Durene+Wheeler

Durene Wheeler

Durene Wheeler

Dr. Durene Wheeler has dedicated her life to educating and fighting injustice. A professor at NEIU since 2006, Wheeler teaches in the College of Education and Arts and Sciences.

Wheeler was born in Ohio and earned her bachelor’s at Wooster College then attended Ohio State for her masters and doctorate. As an undergrad, she was a studio art major, with a minor in sociology. Her first masters was in higher education and student affairs with a minor in counseling psychology. Her doctorate is in cultural and social foundations and education, with a minor in Women’s and Gender Studies and African American Studies.

She admits that she stumbled upon teaching. “I decided that I wanted to teach because I was working in disability services.
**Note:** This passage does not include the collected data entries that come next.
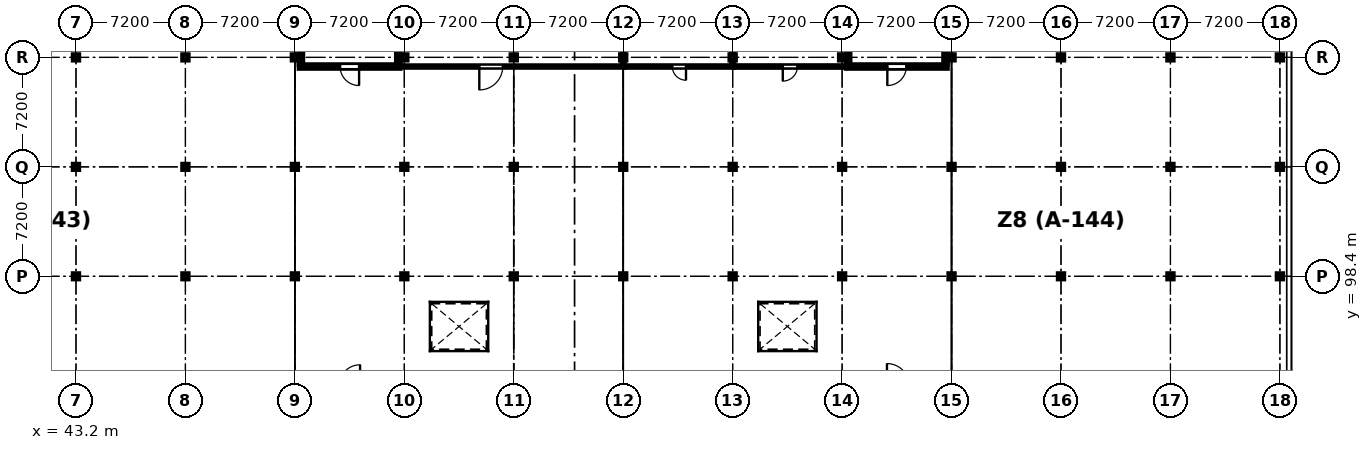
"""IFC4 building model, lengths in metres.
Left out: names, types, materials, properties, quantities, classifications, styles, units other than length and angle.
Written with IfcOpenShell. Run it as: python <this file> out.ifc"""

import sys

from ifc_helpers import new_model, si_unit, direction, frame, frame_2d, origin, origin_2d, place, context, subcontext, project, spatial, rectangle, i_section, extrude, element, fill, save


model = new_model("IFC4")
c1 = context("Model", 3, precision=1e-05, world=origin(), true_north=direction((0.0, 1.0)))
c2 = subcontext(c1, "Body", "Model", "MODEL_VIEW")
j1 = project(units=[si_unit("LENGTHUNIT", "METRE"), si_unit("PLANEANGLEUNIT", "RADIAN")], contexts=[c1])
p1 = place(None, origin())
s1 = spatial("IfcSite", under=j1, at=p1, CompositionType="ELEMENT")
p2 = place(p1, origin())
s2 = spatial("IfcBuilding", under=s1, at=p2, CompositionType="ELEMENT")
p3 = place(p2, frame((0.0, 0.0, 17.1)))
s3 = spatial("IfcBuildingStorey", under=s2, at=p3, CompositionType="ELEMENT", Elevation=17.1)
for number, where, z_axis, x_axis in (
    (1, (43.2, 98.4, 0.0), (0.0, 0.0, 1.0), (1.0, 0.0, 0.0)),
    (2, (43.2, 105.6, 0.0), (0.0, 0.0, 1.0), (1.0, 0.0, 0.0)),
):
    element("IfcColumn", number, at=place(p3, frame(where, z_axis=z_axis, x_axis=x_axis)), inside=s3, PredefinedType="COLUMN", context=c2, shape_type="SweptSolid", body=[
        extrude(i_section(OverallWidth=0.368, OverallDepth=0.356, WebThickness=0.011, FlangeThickness=0.018, FilletRadius=0.015, at=origin_2d()), origin(), (0.0, 0.0, 1.0), 3.9),
    ])
p4 = place(p3, frame((43.2, 112.8, 0.0), z_axis=(0.0, 0.0, 1.0), x_axis=(1.0, 0.0, 0.0)))
e3 = element("IfcColumn", 3, at=p4, inside=s3, PredefinedType="COLUMN", context=c2, shape_type="SweptSolid", body=[
    extrude(i_section(OverallWidth=0.371, OverallDepth=0.363, WebThickness=0.013, FlangeThickness=0.022, FilletRadius=0.015, at=origin_2d()), origin(), (0.0, 0.0, 1.0), 3.9),
])
for number, where, z_axis, x_axis in (
    (4, (50.4, 98.4, 0.0), (0.0, 0.0, 1.0), (1.0, 0.0, 0.0)),
    (5, (50.4, 105.6, 0.0), (0.0, 0.0, 1.0), (1.0, 0.0, 0.0)),
):
    element("IfcColumn", number, at=place(p3, frame(where, z_axis=z_axis, x_axis=x_axis)), inside=s3, PredefinedType="COLUMN", context=c2, shape_type="SweptSolid", body=[
        extrude(i_section(OverallWidth=0.368, OverallDepth=0.356, WebThickness=0.011, FlangeThickness=0.018, FilletRadius=0.015, at=origin_2d()), origin(), (0.0, 0.0, 1.0), 3.9),
    ])
p5 = place(p3, frame((50.4, 112.8, 0.0), z_axis=(0.0, 0.0, 1.0), x_axis=(1.0, 0.0, 0.0)))
e6 = element("IfcColumn", 6, at=p5, inside=s3, PredefinedType="COLUMN", context=c2, shape_type="SweptSolid", body=[
    extrude(i_section(OverallWidth=0.371, OverallDepth=0.363, WebThickness=0.013, FlangeThickness=0.022, FilletRadius=0.015, at=origin_2d()), origin(), (0.0, 0.0, 1.0), 3.9),
])
for number, where, z_axis, x_axis in (
    (7, (57.6, 98.4, 0.0), (0.0, 0.0, 1.0), (1.0, 0.0, 0.0)),
    (8, (57.6, 105.6, 0.0), (0.0, 0.0, 1.0), (1.0, 0.0, 0.0)),
):
    element("IfcColumn", number, at=place(p3, frame(where, z_axis=z_axis, x_axis=x_axis)), inside=s3, PredefinedType="COLUMN", context=c2, shape_type="SweptSolid", body=[
        extrude(i_section(OverallWidth=0.368, OverallDepth=0.356, WebThickness=0.011, FlangeThickness=0.018, FilletRadius=0.015, at=origin_2d()), origin(), (0.0, 0.0, 1.0), 3.9),
    ])
p6 = place(p3, frame((57.6, 112.8, 0.0), z_axis=(0.0, 0.0, 1.0), x_axis=(1.0, 0.0, 0.0)))
e9 = element("IfcColumn", 9, at=p6, inside=s3, PredefinedType="COLUMN", context=c2, shape_type="SweptSolid", body=[
    extrude(i_section(OverallWidth=0.371, OverallDepth=0.363, WebThickness=0.013, FlangeThickness=0.022, FilletRadius=0.015, at=origin_2d()), origin(), (0.0, 0.0, 1.0), 3.9),
])
for number, where, z_axis, x_axis in (
    (10, (64.8, 98.4, 0.0), (0.0, 0.0, 1.0), (1.0, 0.0, 0.0)),
    (11, (64.8, 105.6, 0.0), (0.0, 0.0, 1.0), (1.0, 0.0, 0.0)),
):
    element("IfcColumn", number, at=place(p3, frame(where, z_axis=z_axis, x_axis=x_axis)), inside=s3, PredefinedType="COLUMN", context=c2, shape_type="SweptSolid", body=[
        extrude(i_section(OverallWidth=0.368, OverallDepth=0.356, WebThickness=0.011, FlangeThickness=0.018, FilletRadius=0.015, at=origin_2d()), origin(), (0.0, 0.0, 1.0), 3.9),
    ])
p7 = place(p3, frame((64.8, 112.8, 0.0), z_axis=(0.0, 0.0, 1.0), x_axis=(1.0, 0.0, 0.0)))
e12 = element("IfcColumn", 12, at=p7, inside=s3, PredefinedType="COLUMN", context=c2, shape_type="SweptSolid", body=[
    extrude(i_section(OverallWidth=0.371, OverallDepth=0.363, WebThickness=0.013, FlangeThickness=0.022, FilletRadius=0.015, at=origin_2d()), origin(), (0.0, 0.0, 1.0), 3.9),
])
for number, where, z_axis, x_axis in (
    (13, (72.0, 98.4, 0.0), (0.0, 0.0, 1.0), (1.0, 0.0, 0.0)),
    (14, (72.0, 105.6, 0.0), (0.0, 0.0, 1.0), (1.0, 0.0, 0.0)),
):
    element("IfcColumn", number, at=place(p3, frame(where, z_axis=z_axis, x_axis=x_axis)), inside=s3, PredefinedType="COLUMN", context=c2, shape_type="SweptSolid", body=[
        extrude(i_section(OverallWidth=0.368, OverallDepth=0.356, WebThickness=0.011, FlangeThickness=0.018, FilletRadius=0.015, at=origin_2d()), origin(), (0.0, 0.0, 1.0), 3.9),
    ])
p8 = place(p3, frame((72.0, 112.8, 0.0), z_axis=(0.0, 0.0, 1.0), x_axis=(1.0, 0.0, 0.0)))
e15 = element("IfcColumn", 15, at=p8, inside=s3, PredefinedType="COLUMN", context=c2, shape_type="SweptSolid", body=[
    extrude(i_section(OverallWidth=0.371, OverallDepth=0.363, WebThickness=0.013, FlangeThickness=0.022, FilletRadius=0.015, at=origin_2d()), origin(), (0.0, 0.0, 1.0), 3.9),
])
for number, where, z_axis, x_axis in (
    (16, (79.2, 98.4, 0.0), (0.0, 0.0, 1.0), (1.0, 0.0, 0.0)),
    (17, (79.2, 105.6, 0.0), (0.0, 0.0, 1.0), (1.0, 0.0, 0.0)),
):
    element("IfcColumn", number, at=place(p3, frame(where, z_axis=z_axis, x_axis=x_axis)), inside=s3, PredefinedType="COLUMN", context=c2, shape_type="SweptSolid", body=[
        extrude(i_section(OverallWidth=0.368, OverallDepth=0.356, WebThickness=0.011, FlangeThickness=0.018, FilletRadius=0.015, at=origin_2d()), origin(), (0.0, 0.0, 1.0), 3.9),
    ])
p9 = place(p3, frame((79.2, 112.8, 0.0), z_axis=(0.0, 0.0, 1.0), x_axis=(1.0, 0.0, 0.0)))
e18 = element("IfcColumn", 18, at=p9, inside=s3, PredefinedType="COLUMN", context=c2, shape_type="SweptSolid", body=[
    extrude(i_section(OverallWidth=0.371, OverallDepth=0.363, WebThickness=0.013, FlangeThickness=0.022, FilletRadius=0.015, at=origin_2d()), origin(), (0.0, 0.0, 1.0), 3.9),
])
for number, where, z_axis, x_axis in (
    (19, (86.4, 98.4, 0.0), (0.0, 0.0, 1.0), (1.0, 0.0, 0.0)),
    (20, (86.4, 105.6, 0.0), (0.0, 0.0, 1.0), (1.0, 0.0, 0.0)),
):
    element("IfcColumn", number, at=place(p3, frame(where, z_axis=z_axis, x_axis=x_axis)), inside=s3, PredefinedType="COLUMN", context=c2, shape_type="SweptSolid", body=[
        extrude(i_section(OverallWidth=0.368, OverallDepth=0.356, WebThickness=0.011, FlangeThickness=0.018, FilletRadius=0.015, at=origin_2d()), origin(), (0.0, 0.0, 1.0), 3.9),
    ])
p10 = place(p3, frame((86.4, 112.8, 0.0), z_axis=(0.0, 0.0, 1.0), x_axis=(1.0, 0.0, 0.0)))
e21 = element("IfcColumn", 21, at=p10, inside=s3, PredefinedType="COLUMN", context=c2, shape_type="SweptSolid", body=[
    extrude(i_section(OverallWidth=0.371, OverallDepth=0.363, WebThickness=0.013, FlangeThickness=0.022, FilletRadius=0.015, at=origin_2d()), origin(), (0.0, 0.0, 1.0), 3.9),
])
for number, where, z_axis, x_axis in (
    (22, (93.6, 98.4, 0.0), (0.0, 0.0, 1.0), (1.0, 0.0, 0.0)),
    (23, (93.6, 105.6, 0.0), (0.0, 0.0, 1.0), (1.0, 0.0, 0.0)),
):
    element("IfcColumn", number, at=place(p3, frame(where, z_axis=z_axis, x_axis=x_axis)), inside=s3, PredefinedType="COLUMN", context=c2, shape_type="SweptSolid", body=[
        extrude(i_section(OverallWidth=0.368, OverallDepth=0.356, WebThickness=0.011, FlangeThickness=0.018, FilletRadius=0.015, at=origin_2d()), origin(), (0.0, 0.0, 1.0), 3.9),
    ])
p11 = place(p3, frame((93.6, 112.8, 0.0), z_axis=(0.0, 0.0, 1.0), x_axis=(1.0, 0.0, 0.0)))
e24 = element("IfcColumn", 24, at=p11, inside=s3, PredefinedType="COLUMN", context=c2, shape_type="SweptSolid", body=[
    extrude(i_section(OverallWidth=0.371, OverallDepth=0.363, WebThickness=0.013, FlangeThickness=0.022, FilletRadius=0.015, at=origin_2d()), origin(), (0.0, 0.0, 1.0), 3.9),
])
for number, where, z_axis, x_axis in (
    (25, (100.8, 98.4, 0.0), (0.0, 0.0, 1.0), (1.0, 0.0, 0.0)),
    (26, (100.8, 105.6, 0.0), (0.0, 0.0, 1.0), (1.0, 0.0, 0.0)),
):
    element("IfcColumn", number, at=place(p3, frame(where, z_axis=z_axis, x_axis=x_axis)), inside=s3, PredefinedType="COLUMN", context=c2, shape_type="SweptSolid", body=[
        extrude(i_section(OverallWidth=0.368, OverallDepth=0.356, WebThickness=0.011, FlangeThickness=0.018, FilletRadius=0.015, at=origin_2d()), origin(), (0.0, 0.0, 1.0), 3.9),
    ])
p12 = place(p3, frame((100.8, 112.8, 0.0), z_axis=(0.0, 0.0, 1.0), x_axis=(1.0, 0.0, 0.0)))
e27 = element("IfcColumn", 27, at=p12, inside=s3, PredefinedType="COLUMN", context=c2, shape_type="SweptSolid", body=[
    extrude(i_section(OverallWidth=0.371, OverallDepth=0.363, WebThickness=0.013, FlangeThickness=0.022, FilletRadius=0.015, at=origin_2d()), origin(), (0.0, 0.0, 1.0), 3.9),
])
for number, where, z_axis, x_axis in (
    (28, (108.0, 98.4, 0.0), (0.0, 0.0, 1.0), (1.0, 0.0, 0.0)),
    (29, (108.0, 105.6, 0.0), (0.0, 0.0, 1.0), (1.0, 0.0, 0.0)),
):
    element("IfcColumn", number, at=place(p3, frame(where, z_axis=z_axis, x_axis=x_axis)), inside=s3, PredefinedType="COLUMN", context=c2, shape_type="SweptSolid", body=[
        extrude(i_section(OverallWidth=0.368, OverallDepth=0.356, WebThickness=0.011, FlangeThickness=0.018, FilletRadius=0.015, at=origin_2d()), origin(), (0.0, 0.0, 1.0), 3.9),
    ])
p13 = place(p3, frame((108.0, 112.8, 0.0), z_axis=(0.0, 0.0, 1.0), x_axis=(1.0, 0.0, 0.0)))
e30 = element("IfcColumn", 30, at=p13, inside=s3, PredefinedType="COLUMN", context=c2, shape_type="SweptSolid", body=[
    extrude(i_section(OverallWidth=0.371, OverallDepth=0.363, WebThickness=0.013, FlangeThickness=0.022, FilletRadius=0.015, at=origin_2d()), origin(), (0.0, 0.0, 1.0), 3.9),
])
for number, where, z_axis, x_axis in (
    (31, (115.2, 98.4, 0.0), (0.0, 0.0, 1.0), (1.0, 0.0, 0.0)),
    (32, (115.2, 105.6, 0.0), (0.0, 0.0, 1.0), (1.0, 0.0, 0.0)),
):
    element("IfcColumn", number, at=place(p3, frame(where, z_axis=z_axis, x_axis=x_axis)), inside=s3, PredefinedType="COLUMN", context=c2, shape_type="SweptSolid", body=[
        extrude(i_section(OverallWidth=0.368, OverallDepth=0.356, WebThickness=0.011, FlangeThickness=0.018, FilletRadius=0.015, at=origin_2d()), origin(), (0.0, 0.0, 1.0), 3.9),
    ])
p14 = place(p3, frame((115.2, 112.8, 0.0), z_axis=(0.0, 0.0, 1.0), x_axis=(1.0, 0.0, 0.0)))
e33 = element("IfcColumn", 33, at=p14, inside=s3, PredefinedType="COLUMN", context=c2, shape_type="SweptSolid", body=[
    extrude(i_section(OverallWidth=0.371, OverallDepth=0.363, WebThickness=0.013, FlangeThickness=0.022, FilletRadius=0.015, at=origin_2d()), origin(), (0.0, 0.0, 1.0), 3.9),
])
for number, where, z_axis, x_axis in (
    (34, (122.4, 98.4, 0.0), (0.0, 0.0, 1.0), (1.0, 0.0, 0.0)),
    (35, (122.4, 105.6, 0.0), (0.0, 0.0, 1.0), (1.0, 0.0, 0.0)),
):
    element("IfcColumn", number, at=place(p3, frame(where, z_axis=z_axis, x_axis=x_axis)), inside=s3, PredefinedType="COLUMN", context=c2, shape_type="SweptSolid", body=[
        extrude(i_section(OverallWidth=0.368, OverallDepth=0.356, WebThickness=0.011, FlangeThickness=0.018, FilletRadius=0.015, at=origin_2d()), origin(), (0.0, 0.0, 1.0), 3.9),
    ])
p15 = place(p3, frame((122.4, 112.8, 0.0), z_axis=(0.0, 0.0, 1.0), x_axis=(1.0, 0.0, 0.0)))
e36 = element("IfcColumn", 36, at=p15, inside=s3, PredefinedType="COLUMN", context=c2, shape_type="SweptSolid", body=[
    extrude(i_section(OverallWidth=0.371, OverallDepth=0.363, WebThickness=0.013, FlangeThickness=0.022, FilletRadius=0.015, at=origin_2d()), origin(), (0.0, 0.0, 1.0), 3.9),
])
p16 = place(p3, frame((64.525, 112.2, 0.0), z_axis=(0.0, 0.0, 1.0), x_axis=(-1.0, 0.0, 0.0)))
e37 = element("IfcWall", 37, at=p16, inside=s3, PredefinedType="PARTITIONING", context=c2, shape_type="SweptSolid", body=[
    extrude(rectangle(XDim=6.65, YDim=0.25, at=frame_2d((3.325, 0.0))), origin(), (0.0, 0.0, 1.0), 2.863),
])
p17 = place(p16, frame((2.7, 0.0, 0.0)))
e38 = element("IfcOpeningElement", 38, at=p17, cuts=e37, PredefinedType="OPENING", context=c2, shape_type="SweptSolid", body=[
    extrude(rectangle(XDim=1.25, YDim=2.2, at=frame_2d((0.625, 1.1))), frame((0.0, 0.135, 0.0), z_axis=(0.0, -1.0, 0.0), x_axis=(1.0, 0.0, 0.0)), (0.0, 0.0, 1.0), 0.27),
])
for number, where, z_axis, x_axis in (
    (39, (58.0, 112.327, 0.0), (0.0, 0.0, 1.0), (0.0, 1.0, 0.0)),
    (40, (64.4, 115.998, 0.0), (0.0, 0.0, 1.0), (0.0, -1.0, 0.0)),
):
    element("IfcWall", number, at=place(p3, frame(where, z_axis=z_axis, x_axis=x_axis)), inside=s3, PredefinedType="PARTITIONING", context=c2, shape_type="SweptSolid", body=[
        extrude(rectangle(XDim=3.671, YDim=0.25, at=frame_2d((1.835, 0.0))), origin(), (0.0, 0.0, 1.0), 2.863),
    ])
p18 = place(p3, frame((100.525, 112.2, 0.0), z_axis=(0.0, 0.0, 1.0), x_axis=(-1.0, 0.0, 0.0)))
e41 = element("IfcWall", 41, at=p18, inside=s3, PredefinedType="PARTITIONING", context=c2, shape_type="SweptSolid", body=[
    extrude(rectangle(XDim=6.65, YDim=0.25, at=frame_2d((3.325, 0.0))), origin(), (0.0, 0.0, 1.0), 2.863),
])
p19 = place(p18, frame((2.7, 0.0, 0.0)))
e42 = element("IfcOpeningElement", 42, at=p19, cuts=e41, PredefinedType="OPENING", context=c2, shape_type="SweptSolid", body=[
    extrude(rectangle(XDim=1.25, YDim=2.2, at=frame_2d((0.625, 1.1))), frame((0.0, 0.135, 0.0), z_axis=(0.0, -1.0, 0.0), x_axis=(1.0, 0.0, 0.0)), (0.0, 0.0, 1.0), 0.27),
])
for number, where, z_axis, x_axis in (
    (43, (94.0, 112.327, 0.0), (0.0, 0.0, 1.0), (0.0, 1.0, 0.0)),
    (44, (100.4, 116.011, 0.0), (0.0, 0.0, 1.0), (0.0, -1.0, 0.0)),
):
    element("IfcWall", number, at=place(p3, frame(where, z_axis=z_axis, x_axis=x_axis)), inside=s3, PredefinedType="PARTITIONING", context=c2, shape_type="SweptSolid", body=[
        extrude(rectangle(XDim=3.684, YDim=0.25, at=frame_2d((1.842, 0.0))), origin(), (0.0, 0.0, 1.0), 2.863),
    ])
p20 = place(p3, frame((79.28, 112.2, 0.0), z_axis=(0.0, 0.0, 1.0), x_axis=(-1.0, 0.0, 0.0)))
e45 = element("IfcWall", 45, at=p20, inside=s3, PredefinedType="PARTITIONING", context=c2, shape_type="SweptSolid", body=[
    extrude(rectangle(XDim=14.753, YDim=0.115, at=frame_2d((7.376, 0.0))), origin(), (0.0, 0.0, 1.0), 2.863),
])
p21 = place(p20, frame((8.007, 0.0, 0.0)))
e46 = element("IfcOpeningElement", 46, at=p21, cuts=e45, PredefinedType="OPENING", context=c2, shape_type="SweptSolid", body=[
    extrude(rectangle(XDim=1.54, YDim=2.1, at=frame_2d((0.77, 1.05))), frame((0.0, 0.067, 0.0), z_axis=(0.0, -1.0, 0.0), x_axis=(1.0, 0.0, 0.0)), (0.0, 0.0, 1.0), 0.135),
])
p22 = place(p3, frame((86.48, 112.2, 0.0), z_axis=(0.0, 0.0, 1.0), x_axis=(-1.0, 0.0, 0.0)))
e47 = element("IfcWall", 47, at=p22, inside=s3, PredefinedType="PARTITIONING", context=c2, shape_type="SweptSolid", body=[
    extrude(rectangle(XDim=7.198, YDim=0.12, at=frame_2d((3.599, 0.0))), origin(), (0.0, 0.0, 1.0), 2.863),
])
p23 = place(p22, frame((3.149, 0.0, 0.0)))
e48 = element("IfcOpeningElement", 48, at=p23, cuts=e47, PredefinedType="OPENING", context=c2, shape_type="SweptSolid", body=[
    extrude(rectangle(XDim=0.9, YDim=2.16, at=frame_2d((0.45, 1.08))), frame((0.0, 0.07, 0.0), z_axis=(0.0, -1.0, 0.0), x_axis=(1.0, 0.0, 0.0)), (0.0, 0.0, 1.0), 0.14),
])
p24 = place(p3, frame((93.873, 112.2, 0.0), z_axis=(0.0, 0.0, 1.0), x_axis=(-1.0, 0.0, 0.0)))
e49 = element("IfcWall", 49, at=p24, inside=s3, PredefinedType="PARTITIONING", context=c2, shape_type="SweptSolid", body=[
    extrude(rectangle(XDim=7.391, YDim=0.125, at=frame_2d((3.696, 0.0))), origin(), (0.0, 0.0, 1.0), 2.863),
])
p25 = place(p24, frame((3.216, 0.0, 0.0)))
e50 = element("IfcOpeningElement", 50, at=p25, cuts=e49, PredefinedType="OPENING", context=c2, shape_type="SweptSolid", body=[
    extrude(rectangle(XDim=0.96, YDim=2.16, at=frame_2d((0.48, 1.08))), frame((0.0, 0.073, 0.0), z_axis=(0.0, -1.0, 0.0), x_axis=(1.0, 0.0, 0.0)), (0.0, 0.0, 1.0), 0.145),
])
p26 = place(p3, frame((79.2, 116.056, 0.0), z_axis=(0.0, 0.0, 1.0), x_axis=(0.0, -1.0, 0.0)))
e51 = element("IfcWall", 51, at=p26, inside=s3, PredefinedType="PARTITIONING", context=c2, shape_type="SweptSolid", body=[
    extrude(rectangle(XDim=3.794, YDim=0.16, at=frame_2d((1.897, 0.0))), origin(), (0.0, 0.0, 1.0), 2.863),
])
p27 = place(p3, frame((86.4, 116.053, 0.0), z_axis=(0.0, 0.0, 1.0), x_axis=(0.0, -1.0, 0.0)))
e52 = element("IfcWall", 52, at=p27, inside=s3, PredefinedType="PARTITIONING", context=c2, shape_type="SweptSolid", body=[
    extrude(rectangle(XDim=3.789, YDim=0.165, at=frame_2d((1.895, 0.0))), origin(), (0.0, 0.0, 1.0), 2.863),
])
p28 = place(p17, origin())
e53 = element("IfcDoor", 53, at=p28, inside=s3, OperationType="SINGLE_SWING_LEFT", PredefinedType="DOOR", context=c2, shape_type="SweptSolid", body=[
    extrude(rectangle(XDim=1.25, YDim=2.2, at=frame_2d((0.625, 1.1))), frame((0.0, 0.025, 0.0), z_axis=(0.0, -1.0, 0.0), x_axis=(1.0, 0.0, 0.0)), (0.0, 0.0, 1.0), 0.05),
])
fill(e38, e53)
p29 = place(p19, origin())
e54 = element("IfcDoor", 54, at=p29, inside=s3, OperationType="SINGLE_SWING_RIGHT", PredefinedType="DOOR", context=c2, shape_type="SweptSolid", body=[
    extrude(rectangle(XDim=1.25, YDim=2.2, at=frame_2d((0.625, 1.1))), frame((0.0, 0.025, 0.0), z_axis=(0.0, -1.0, 0.0), x_axis=(1.0, 0.0, 0.0)), (0.0, 0.0, 1.0), 0.05),
])
fill(e42, e54)
p30 = place(p21, origin())
e55 = element("IfcDoor", 55, at=p30, inside=s3, OperationType="SINGLE_SWING_RIGHT", PredefinedType="DOOR", context=c2, shape_type="SweptSolid", body=[
    extrude(rectangle(XDim=1.54, YDim=2.1, at=frame_2d((0.77, 1.05))), frame((0.0, 0.025, 0.0), z_axis=(0.0, -1.0, 0.0), x_axis=(1.0, 0.0, 0.0)), (0.0, 0.0, 1.0), 0.05),
])
fill(e46, e55)
p31 = place(p23, origin())
e56 = element("IfcDoor", 56, at=p31, inside=s3, OperationType="SINGLE_SWING_LEFT", PredefinedType="DOOR", context=c2, shape_type="SweptSolid", body=[
    extrude(rectangle(XDim=0.9, YDim=2.16, at=frame_2d((0.45, 1.08))), frame((0.0, 0.025, 0.0), z_axis=(0.0, -1.0, 0.0), x_axis=(1.0, 0.0, 0.0)), (0.0, 0.0, 1.0), 0.05),
])
fill(e48, e56)
p32 = place(p25, origin())
e57 = element("IfcDoor", 57, at=p32, inside=s3, OperationType="SINGLE_SWING_RIGHT", PredefinedType="DOOR", context=c2, shape_type="SweptSolid", body=[
    extrude(rectangle(XDim=0.96, YDim=2.16, at=frame_2d((0.48, 1.08))), frame((0.0, 0.025, 0.0), z_axis=(0.0, -1.0, 0.0), x_axis=(1.0, 0.0, 0.0)), (0.0, 0.0, 1.0), 0.05),
])
fill(e50, e57)
save(model, sys.argv[1])

I was helping out students and doing workshops for parents to help them transition. Because if you are a student with an information processing disorder in high school, your parents are your advocate,” Wheeler said.

“When you get to higher education, parents have to get out of the way and let the students be their own advocate. And some parents had a lot of trouble with that. So we would do workshops to train them. But we also do workshops to make our faculty a lot more sensitive in dealing with students that had different learning styles and different learning abilities. So that’s when I think I got the idea to teach,” she continued.

While Wheeler has been impacting many other lives, she credits her mother for having the biggest impact on her own life. “My mother is the most wonderful person in the world. She has always taught us that to be the best, we had to do our best. But more importantly, she has modeled that for us. She had high expectations of us. She knew her daughters and she knew what our strengths were and what our limitations were. I remember in third grade, I found out about the president of the United States and I came home and said, ‘Mom, I will be the first black woman president of the United States.’ and she said, ‘if anybody can do it, you can.’ That was her mentality.”

Wheeler’s message to the women of NEIU is as follows: “Believe in yourself, don’t let anybody tell you what you can or can’t do. Stop the negative self talk. You are a star. You are a masterpiece. Like I used to tell my son when he was little, you are massively and wonderfully made.”